Le magnifiche sorti e progressive… e la banalità del male

Καὶ ἠγάπησαν οἱ ἂνθρωποι μᾶλλον τὸ σκότος ἢ τὸ φῶς.

E gli uomini vollero piuttosto le tenebre che la luce

(Giovanni, III, 19)

 

C’è un filo conduttore che lega in profondità il pensierocomune” dell’europeo “comune” negli ultimi cinquanta anni di storia del vecchio continente. Cioè da quando l’Europa si è avviata, per così dire, alla normalità democratica, sublimando lo shock della Seconda guerra mondiale e dei totalitarismi: il male è sempre il male dell’altro… il dolore è sempre il dolore dell’altro.
Un principio che ha un valore micro e macro nell’universo delle province mentali e geografiche che attraversano i nostri spazi.
Il vicino di pianerottolo e i “suoi” problemi… il vicino di confine e i “suoi” problemi… e il pensiero individualista è così giunto al culmine.
Non più solo Adamo ed Adamo, Eva ed Eva, ma Italiani e Italiani, Francesi e Francesi, Inglesi e Inglesi, Tedeschi e Tedeschi etc…
Una parcellizzazione, inevitabile figlia di un percorso centenario che, bravi dialetticamente come siamo, noi europei celiamo sotto la farsa dell’Unione (“unione” e non “unità”… ma questo non è il tempo della proprietà del linguaggio).
I termini sono diventati chewingum: plastici e adattabili anche quando non significano nulla.
 Dove voglio arrivare? Non c’è un approdo.
Mi limito ad osservazioni fattuali ed in ordine sparso nella consapevolezza del magistero della storia, disciplina oramai inutile per molti valenti scout del pensiero contemporaneo.

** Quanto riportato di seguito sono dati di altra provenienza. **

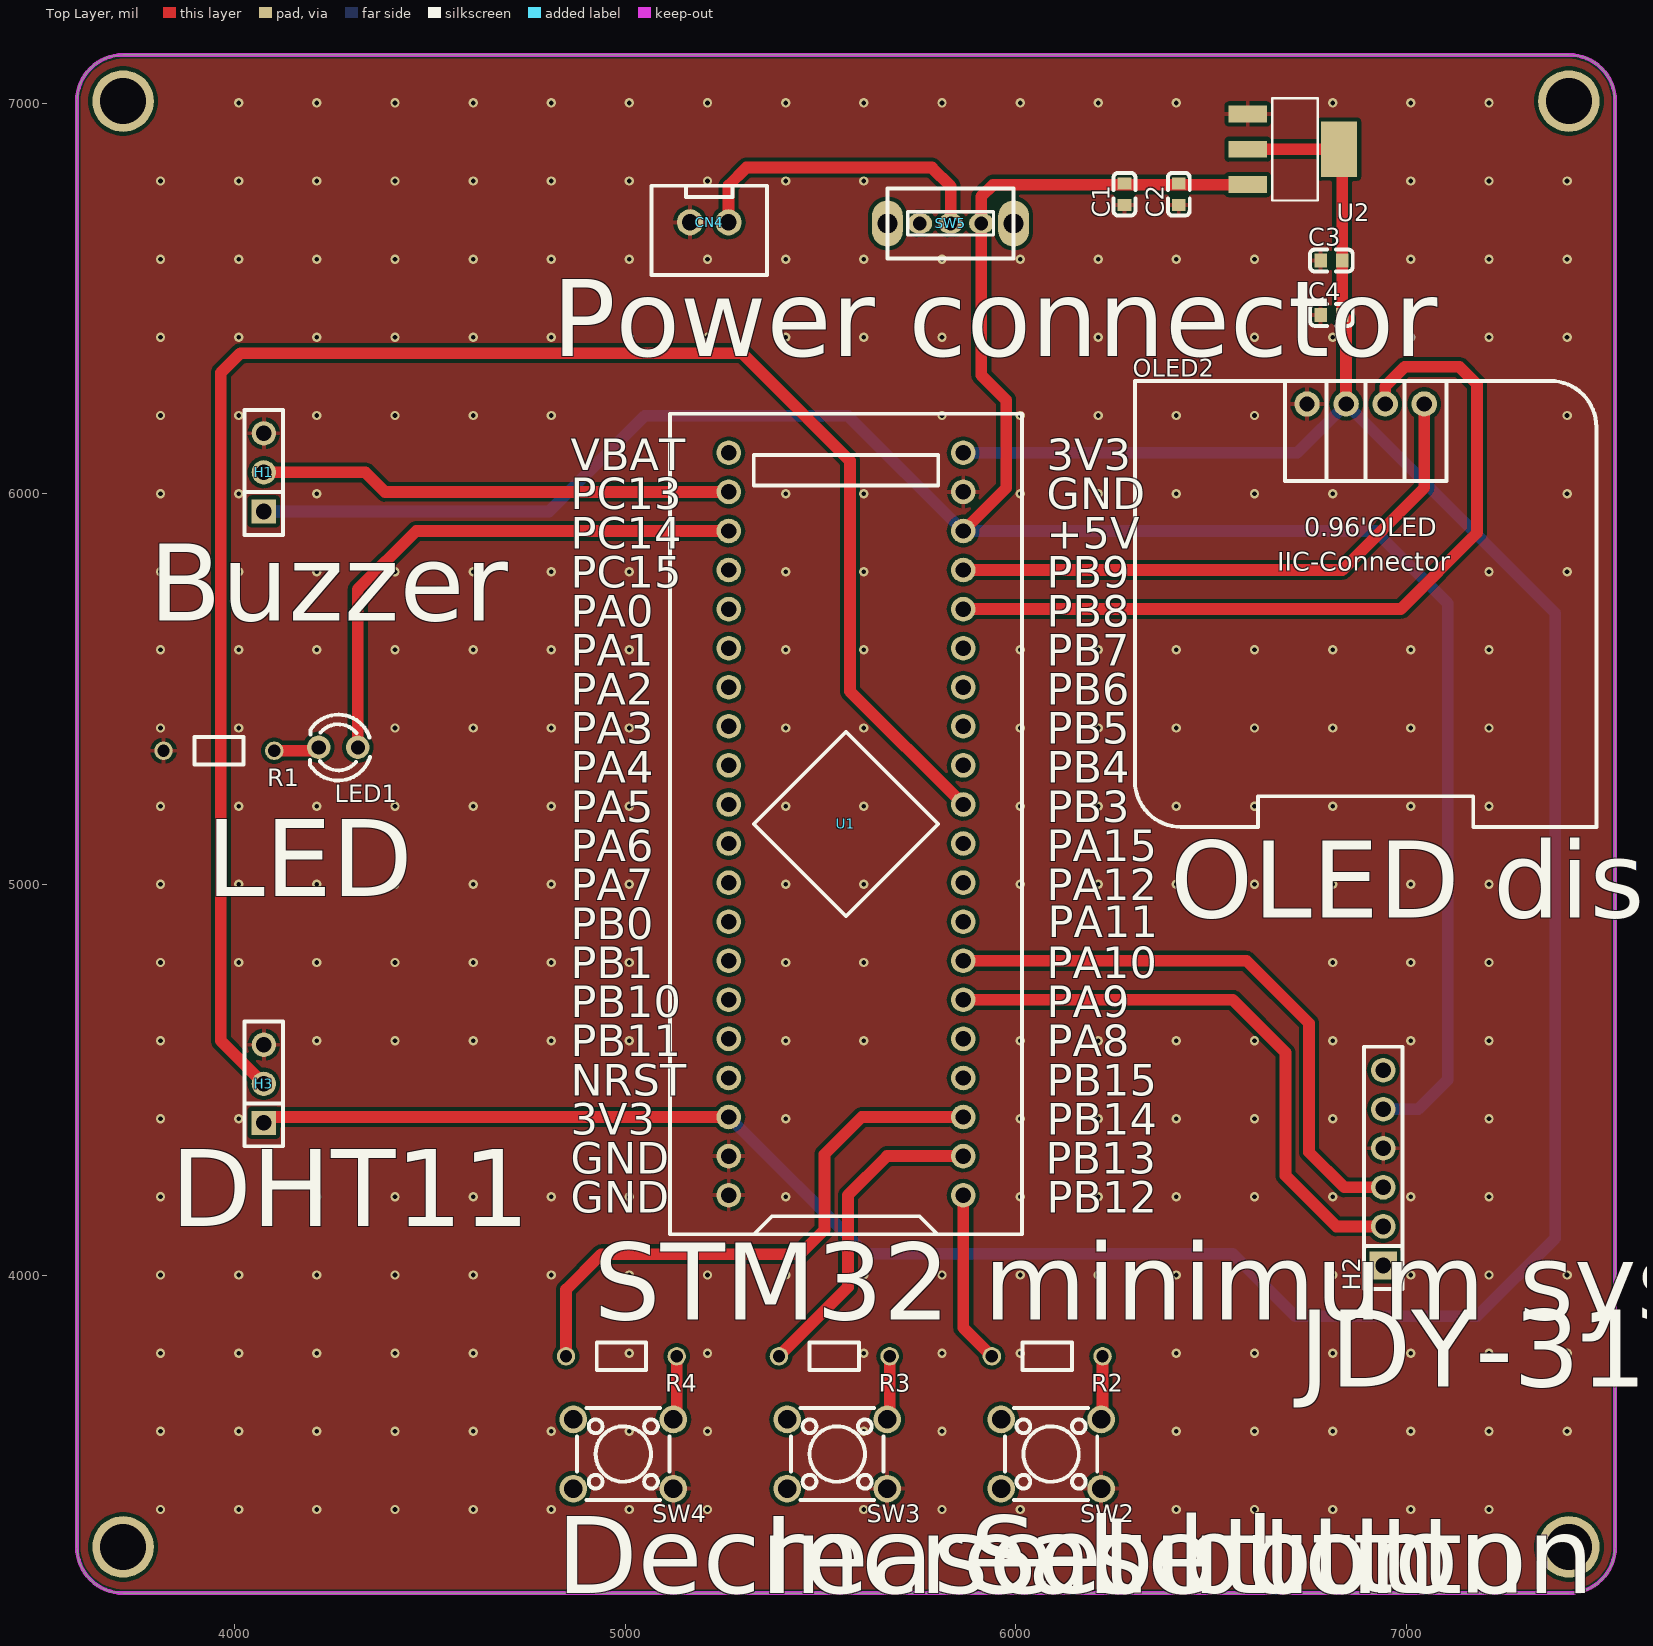
[diagram p0: Top Layer view]
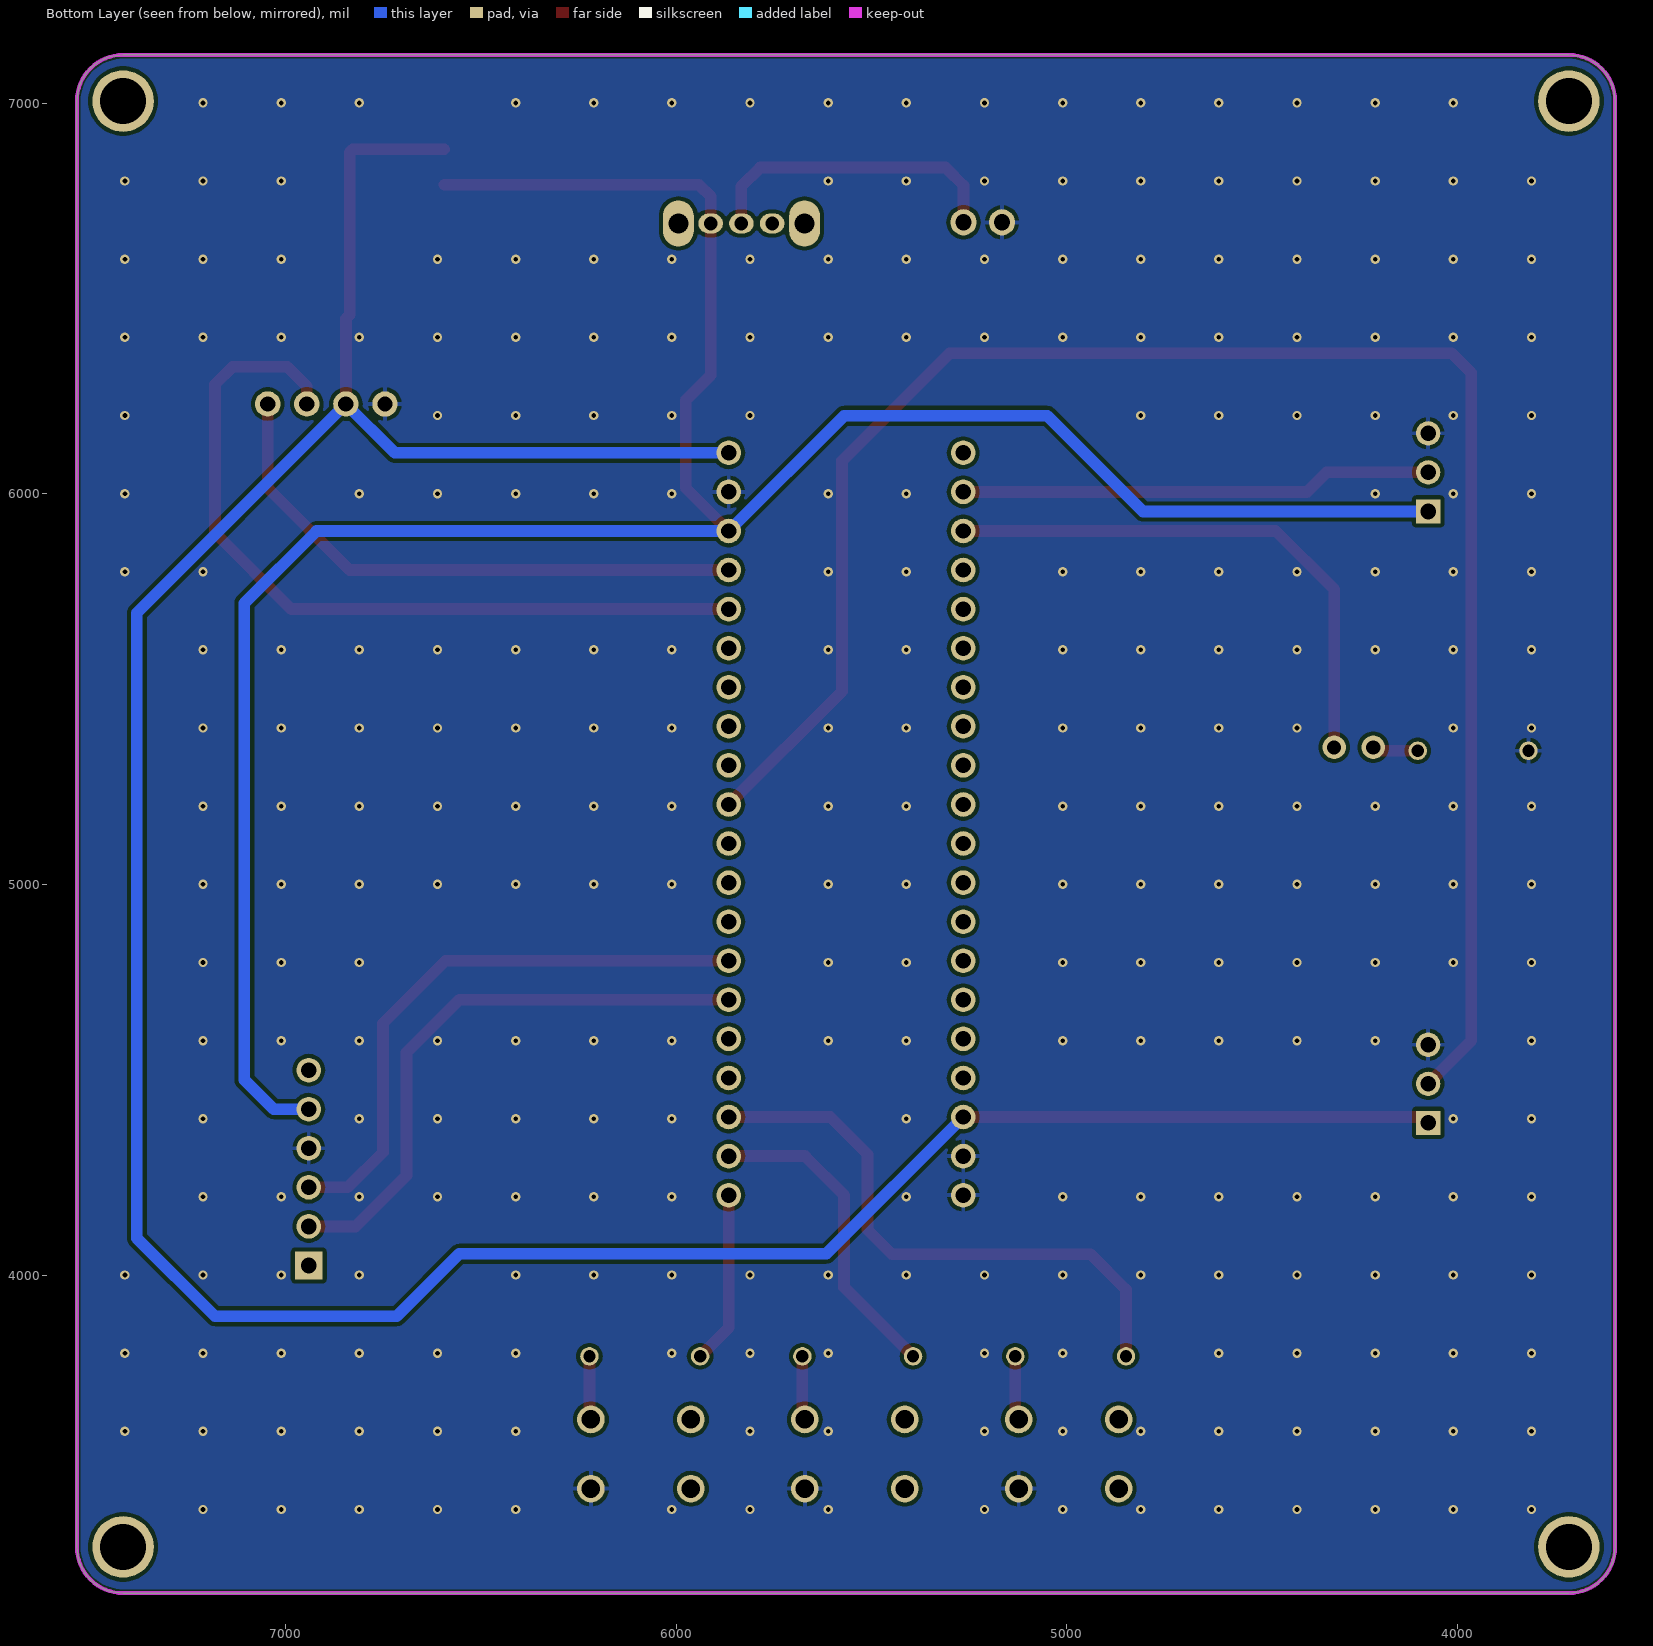
[diagram p1: Bottom Layer view, seen from below]
# Altium PCB MISC51821.pcbdoc
Units mil, origin at the board's own origin, x right, y up, seen from the top; angles counter-clockwise.
Board outline 3937.01 x 3937.01 mil, 2 copper layers (Top Layer, Bottom Layer), stack 62.206 mil thick; 20 components, 42 nets, 101 pads, 280 vias.

## Layer stack, top to bottom
Top Solder Mask Layer: solder mask 0.394, Dk 3.3
Top Layer: signal copper 1.379
Dielectric1: surface 59.449, FR4, Dk 4.5
Bottom Layer: signal copper 1.378
Bottom Solder Mask Layer: solder mask 0.394, Dk 3.3

## Board outline
3714.61,7123.5 ccw(c3714.61,7005.39) 3596.5,7005.39 3596.5,3304.61 ccw(c3714.61,3304.61) 3714.61,3186.5 7415.39,3186.5 ccw(c7415.39,3304.61) 7533.5,3304.61 7533.5,7005.39 ccw(c7415.39,7005.39) 7415.39,7123.5 3714.61,7123.5

## Design rules (kind name [scope] priority, off if disabled: settings)
BoardOutlineClearance copperThickness2oz_1 [All] p2 off: genericclearance=7.99 ignorepadtopadclearanceinfootprint=FALSE except(0: Arc-SplitContinuation Track-SplitContinuation SMDPad-SplitContinuation THPad-SplitContinuation Via-SplitContinuation Fill-SplitContinuation Region-SplitContinuation Poly-SplitContinuation Text-SplitContinuation Hole-SplitContinuation; 5.98: Arc-CutoutEdge Track-CutoutEdge SMDPad-CutoutEdge THPad-CutoutEdge Via-CutoutEdge Text-CutoutEdge; 6.9: Hole-OutlineEdge Hole-CutoutEdge; 10: Poly-OutlineEdge Poly-CutoutEdge; 11.81: Arc-OutlineEdge Track-OutlineEdge SMDPad-OutlineEdge THPad-OutlineEdge Via-OutlineEdge Fill-OutlineEdge Region-OutlineEdge Text-OutlineEdge Fill-CutoutEdge Region-CutoutEdge)
BoardOutlineClearance Plane_innerPlane_1 [All] p4 off: genericclearance=4.02 ignorepadtopadclearanceinfootprint=FALSE except(0: Arc-SplitContinuation Track-SplitContinuation SMDPad-SplitContinuation THPad-SplitContinuation Via-SplitContinuation Fill-SplitContinuation Region-SplitContinuation Poly-SplitContinuation Text-SplitContinuation Hole-SplitContinuation; 5.98: Arc-CutoutEdge Track-CutoutEdge SMDPad-CutoutEdge THPad-CutoutEdge Via-CutoutEdge Text-CutoutEdge; 6.9: Hole-OutlineEdge Hole-CutoutEdge; 10: Poly-OutlineEdge Poly-CutoutEdge; 11.81: Arc-OutlineEdge Track-OutlineEdge SMDPad-OutlineEdge THPad-OutlineEdge Via-OutlineEdge Fill-OutlineEdge Region-OutlineEdge Text-OutlineEdge Fill-CutoutEdge Region-CutoutEdge)
BoardOutlineClearance Copper_copperRegion_1 [All] p6 off: genericclearance=4.02 ignorepadtopadclearanceinfootprint=FALSE except(0: Arc-SplitContinuation Track-SplitContinuation SMDPad-SplitContinuation THPad-SplitContinuation Via-SplitContinuation Fill-SplitContinuation Region-SplitContinuation Poly-SplitContinuation Text-SplitContinuation Hole-SplitContinuation; 5.98: Arc-CutoutEdge Track-CutoutEdge SMDPad-CutoutEdge THPad-CutoutEdge Via-CutoutEdge Text-CutoutEdge; 6.9: Hole-OutlineEdge Hole-CutoutEdge; 10: Poly-OutlineEdge Poly-CutoutEdge; 11.81: Arc-OutlineEdge Track-OutlineEdge SMDPad-OutlineEdge THPad-OutlineEdge Via-OutlineEdge Fill-OutlineEdge Region-OutlineEdge Text-OutlineEdge Fill-CutoutEdge Region-CutoutEdge)
BoardOutlineClearance Copper_copperRegion_copperThickness1oz_1 [All] p8 off: genericclearance=4.02 ignorepadtopadclearanceinfootprint=FALSE except(0: Arc-SplitContinuation Track-SplitContinuation SMDPad-SplitContinuation THPad-SplitContinuation Via-SplitContinuation Fill-SplitContinuation Region-SplitContinuation Poly-SplitContinuation Text-SplitContinuation Hole-SplitContinuation; 5.98: Arc-CutoutEdge Track-CutoutEdge SMDPad-CutoutEdge THPad-CutoutEdge Via-CutoutEdge Text-CutoutEdge; 6.9: Hole-OutlineEdge Hole-CutoutEdge; 10: Poly-OutlineEdge Poly-CutoutEdge; 11.81: Arc-OutlineEdge Track-OutlineEdge SMDPad-OutlineEdge THPad-OutlineEdge Via-OutlineEdge Fill-OutlineEdge Region-OutlineEdge Text-OutlineEdge Fill-CutoutEdge Region-CutoutEdge)
BoardOutlineClearance Copper_copperRegion_Copper_copperRegion_1 [All] p10 off: genericclearance=4.02 ignorepadtopadclearanceinfootprint=FALSE except(0: Arc-SplitContinuation Track-SplitContinuation SMDPad-SplitContinuation THPad-SplitContinuation Via-SplitContinuation Fill-SplitContinuation Region-SplitContinuation Poly-SplitContinuation Text-SplitContinuation Hole-SplitContinuation; 5.98: Arc-CutoutEdge Track-CutoutEdge SMDPad-CutoutEdge THPad-CutoutEdge Via-CutoutEdge Text-CutoutEdge; 6.9: Hole-OutlineEdge Hole-CutoutEdge; 10: Poly-OutlineEdge Poly-CutoutEdge; 11.81: Arc-OutlineEdge Track-OutlineEdge SMDPad-OutlineEdge THPad-OutlineEdge Via-OutlineEdge Fill-OutlineEdge Region-OutlineEdge Text-OutlineEdge Fill-CutoutEdge Region-CutoutEdge)
BoardOutlineClearance copperThickness1oz_1 [All] p12: genericclearance=4.02 ignorepadtopadclearanceinfootprint=FALSE except(0: Arc-SplitContinuation Track-SplitContinuation SMDPad-SplitContinuation THPad-SplitContinuation Via-SplitContinuation Fill-SplitContinuation Region-SplitContinuation Poly-SplitContinuation Text-SplitContinuation Hole-SplitContinuation; 5.98: Arc-CutoutEdge Track-CutoutEdge SMDPad-CutoutEdge THPad-CutoutEdge Via-CutoutEdge Text-CutoutEdge; 6.9: Hole-OutlineEdge Hole-CutoutEdge; 10: Poly-OutlineEdge Poly-CutoutEdge; 11.81: Arc-OutlineEdge Track-OutlineEdge SMDPad-OutlineEdge THPad-OutlineEdge Via-OutlineEdge Fill-OutlineEdge Region-OutlineEdge Text-OutlineEdge Fill-CutoutEdge Region-CutoutEdge)
Clearance copperThickness2oz [All] p1 off: gap=7.99 ignorepadtopadclearanceinfootprint=FALSE except(5.98: SMDPad-Track SMDPad-SMDPad THPad-Track SMDPad-THPad THPad-THPad Track-Via SMDPad-Via THPad-Via Via-Via Fill-SMDPad Region-SMDPad Fill-THPad Region-THPad Fill-Via Region-Via Fill-Fill Fill-Region Region-Region Arc-Track Arc-SMDPad Arc-THPad Arc-Via Fill-Arc Region-Arc Arc-Arc Text-Track SMDPad-Text Text-THPad Text-Via Fill-Text Region-Text Arc-Text Text-Text; 6.9: Hole-Track Hole-SMDPad Hole-THPad Hole-Via Fill-Hole Region-Hole Hole-Arc Hole-Text; 10: Poly-Track Poly-SMDPad Poly-THPad Poly-Via Poly-Fill Poly-Region Poly-Poly Poly-Arc Poly-Text Poly-Hole; 11.81: Fill-Track Region-Track)
Clearance Plane_innerPlane [All] p3 off: gap=4.02 ignorepadtopadclearanceinfootprint=FALSE except(5.98: SMDPad-Track SMDPad-SMDPad THPad-Track SMDPad-THPad THPad-THPad Track-Via SMDPad-Via THPad-Via Via-Via Fill-SMDPad Region-SMDPad Fill-THPad Region-THPad Fill-Via Region-Via Fill-Fill Fill-Region Region-Region Arc-Track Arc-SMDPad Arc-THPad Arc-Via Fill-Arc Region-Arc Arc-Arc Text-Track SMDPad-Text Text-THPad Text-Via Fill-Text Region-Text Arc-Text Text-Text; 6.9: Hole-Track Hole-SMDPad Hole-THPad Hole-Via Fill-Hole Region-Hole Hole-Arc Hole-Text; 10: Poly-Track Poly-SMDPad Poly-THPad Poly-Via Poly-Fill Poly-Region Poly-Poly Poly-Arc Poly-Text Poly-Hole; 11.81: Fill-Track Region-Track)
Clearance Copper_copperRegion [All] p5 off: gap=4.02 ignorepadtopadclearanceinfootprint=FALSE except(5.98: SMDPad-Track SMDPad-SMDPad THPad-Track SMDPad-THPad THPad-THPad Track-Via SMDPad-Via THPad-Via Via-Via Fill-SMDPad Region-SMDPad Fill-THPad Region-THPad Fill-Via Region-Via Fill-Fill Fill-Region Region-Region Arc-Track Arc-SMDPad Arc-THPad Arc-Via Fill-Arc Region-Arc Arc-Arc Text-Track SMDPad-Text Text-THPad Text-Via Fill-Text Region-Text Arc-Text Text-Text; 6.9: Hole-Track Hole-SMDPad Hole-THPad Hole-Via Fill-Hole Region-Hole Hole-Arc Hole-Text; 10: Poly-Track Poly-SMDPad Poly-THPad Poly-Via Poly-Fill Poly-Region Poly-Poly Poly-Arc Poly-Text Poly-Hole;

Tempo passato: prima di dare avvio alla “soluzione finale del problema ebraico”, Adolf Hitler condusse, lasciatemi passare il termine, un’operazione preliminare. Cominciò dall’eliminare cittadini tedeschi: oppositori politici, omosessuali, down, malati di mente… come dire, collaudò il meccanismo e, dal ‘42 in poi, diede pieno avvio alla Shoa. In quegli anni di “collaudo”, il resto dell’Europa guardava ma non osservava con attenzione. Mi si dirà che l’analisi storica rifiuta il senno del poi…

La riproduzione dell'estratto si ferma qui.